Koldo Campos Sagaseta
Y que trasladada a la azotea del edificio más alto de la ciudad, pueda esa bacinilla perpetrar, con premeditación y alevosía, el feliz accidente de desplomarse en caída libre sobre la acera en el preciso momento en que pase caminando Mario Vargas Llosa, para abrazarme a su persona con toda la desenfrenada pasión que siempre he sentido por él y devolverle en especie todas las náuseas pendientes.
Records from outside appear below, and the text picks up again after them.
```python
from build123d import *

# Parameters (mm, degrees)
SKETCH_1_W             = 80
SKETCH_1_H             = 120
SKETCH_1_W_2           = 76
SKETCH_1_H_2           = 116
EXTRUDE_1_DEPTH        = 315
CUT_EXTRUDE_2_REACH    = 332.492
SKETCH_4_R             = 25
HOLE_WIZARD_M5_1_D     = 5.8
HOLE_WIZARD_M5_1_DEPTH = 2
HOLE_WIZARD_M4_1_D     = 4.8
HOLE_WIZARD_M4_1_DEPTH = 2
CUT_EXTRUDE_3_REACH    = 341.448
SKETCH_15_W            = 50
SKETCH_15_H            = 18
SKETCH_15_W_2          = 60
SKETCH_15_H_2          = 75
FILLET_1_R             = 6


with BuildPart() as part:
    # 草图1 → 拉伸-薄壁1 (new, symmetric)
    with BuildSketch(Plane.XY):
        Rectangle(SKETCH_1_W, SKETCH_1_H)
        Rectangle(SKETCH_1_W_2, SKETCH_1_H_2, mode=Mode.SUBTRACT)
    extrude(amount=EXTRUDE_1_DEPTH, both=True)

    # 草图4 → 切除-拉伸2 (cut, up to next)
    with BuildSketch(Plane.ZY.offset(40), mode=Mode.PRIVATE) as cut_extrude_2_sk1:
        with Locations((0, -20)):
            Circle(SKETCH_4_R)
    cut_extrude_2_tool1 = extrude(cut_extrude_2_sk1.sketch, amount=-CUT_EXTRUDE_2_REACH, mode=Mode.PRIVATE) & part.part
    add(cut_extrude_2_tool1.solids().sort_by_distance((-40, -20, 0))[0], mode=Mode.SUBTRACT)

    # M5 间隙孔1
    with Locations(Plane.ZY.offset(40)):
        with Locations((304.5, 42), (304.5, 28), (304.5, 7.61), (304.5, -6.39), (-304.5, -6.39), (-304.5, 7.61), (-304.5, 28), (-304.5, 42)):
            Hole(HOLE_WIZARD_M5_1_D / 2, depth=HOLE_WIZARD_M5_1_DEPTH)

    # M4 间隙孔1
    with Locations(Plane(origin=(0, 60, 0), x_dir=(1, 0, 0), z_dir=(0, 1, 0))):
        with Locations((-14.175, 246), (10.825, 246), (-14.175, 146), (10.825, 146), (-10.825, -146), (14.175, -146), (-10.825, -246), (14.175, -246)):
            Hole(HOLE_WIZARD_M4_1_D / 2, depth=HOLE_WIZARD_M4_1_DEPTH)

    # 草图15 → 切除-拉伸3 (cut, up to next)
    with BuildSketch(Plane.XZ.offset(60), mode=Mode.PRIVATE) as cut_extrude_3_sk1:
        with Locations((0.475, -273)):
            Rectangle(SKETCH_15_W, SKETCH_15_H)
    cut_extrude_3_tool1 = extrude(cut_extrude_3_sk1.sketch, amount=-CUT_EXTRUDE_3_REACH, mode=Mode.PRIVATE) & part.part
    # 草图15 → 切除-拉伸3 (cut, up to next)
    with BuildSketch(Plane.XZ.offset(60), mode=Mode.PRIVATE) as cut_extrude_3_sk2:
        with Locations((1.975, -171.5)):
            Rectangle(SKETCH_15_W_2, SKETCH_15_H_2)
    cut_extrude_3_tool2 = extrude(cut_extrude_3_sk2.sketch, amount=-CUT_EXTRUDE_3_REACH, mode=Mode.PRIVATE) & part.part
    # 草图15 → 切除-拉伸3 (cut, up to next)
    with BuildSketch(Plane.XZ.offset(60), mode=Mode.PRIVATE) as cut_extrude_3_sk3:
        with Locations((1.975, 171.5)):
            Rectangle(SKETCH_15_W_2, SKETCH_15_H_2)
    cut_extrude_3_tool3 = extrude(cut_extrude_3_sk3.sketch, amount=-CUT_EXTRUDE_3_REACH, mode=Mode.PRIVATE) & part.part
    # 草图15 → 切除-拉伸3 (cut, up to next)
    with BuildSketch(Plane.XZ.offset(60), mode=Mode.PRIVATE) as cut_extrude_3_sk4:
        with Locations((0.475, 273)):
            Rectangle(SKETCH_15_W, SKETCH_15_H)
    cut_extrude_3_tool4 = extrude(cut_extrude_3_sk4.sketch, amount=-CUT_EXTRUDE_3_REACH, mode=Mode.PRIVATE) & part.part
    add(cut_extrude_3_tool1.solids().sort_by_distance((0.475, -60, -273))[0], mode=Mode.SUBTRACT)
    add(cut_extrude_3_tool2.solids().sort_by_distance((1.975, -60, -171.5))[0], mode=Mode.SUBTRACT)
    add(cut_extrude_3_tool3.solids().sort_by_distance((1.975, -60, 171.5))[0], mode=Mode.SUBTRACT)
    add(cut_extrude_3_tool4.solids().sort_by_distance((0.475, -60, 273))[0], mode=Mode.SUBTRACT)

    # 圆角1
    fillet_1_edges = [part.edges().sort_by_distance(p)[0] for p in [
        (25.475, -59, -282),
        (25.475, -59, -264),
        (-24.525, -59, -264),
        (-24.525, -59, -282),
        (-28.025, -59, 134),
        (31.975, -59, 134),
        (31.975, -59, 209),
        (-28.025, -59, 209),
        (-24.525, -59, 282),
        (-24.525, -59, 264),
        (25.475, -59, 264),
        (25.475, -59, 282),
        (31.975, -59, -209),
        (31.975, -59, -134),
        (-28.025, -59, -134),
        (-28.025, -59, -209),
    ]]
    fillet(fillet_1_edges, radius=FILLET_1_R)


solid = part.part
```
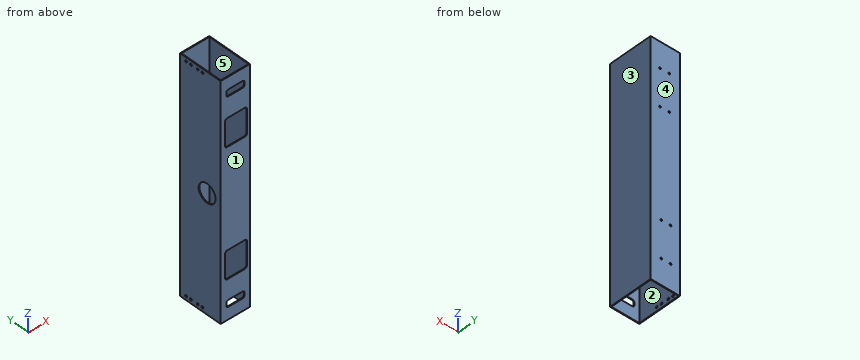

Y que inmovilizado por el impacto y en medio de la acera, quede el detrítico emborronador español, bien remozado en aguas residuales, con la bacinilla por montera, goteando eternamente sus pestíferos y, ahora “nobeles” contenidos.
Y así, vea pasar y detenerse sobre su infeliz memoria a todos los perros de la ciudad, levando ancas y prodigando más húmedos homenajes.
Y que el fecal agasajo congregue también a todas las palomas de la región, equivocándose encima del engendro, y que al jubiloso exabrupto se sumen los gorriones, los gatos y las hormigas, y que hasta los chivos organicen su escatológica fiesta sobre tanta ilustrada infamia.
Y que también Pantaleón y las visitadoras y la tía Julia acudan al festivo convite para depositar sobre el impresentable todas las adhesiones disponibles.
Y que cuando ya nadie dotado de intestino quede en la ciudad sin haber rendido pleitesía al más canalla de todos los plumíferos, finalmente, entre el unánime aplauso de los vecinos, llegue ululando la Cruz Roja , la Cruz Verde , los bomberos, cuatro días más tarde, y puedan recoger los camilleros con amorosa delicadeza la heroica bacinilla poniéndola a buen recaudo, mientras el personal de limpieza, manguera en mano, disuelve la excrementosa realidad hasta hacerla desaparecer por alguna sufrida alcantarilla.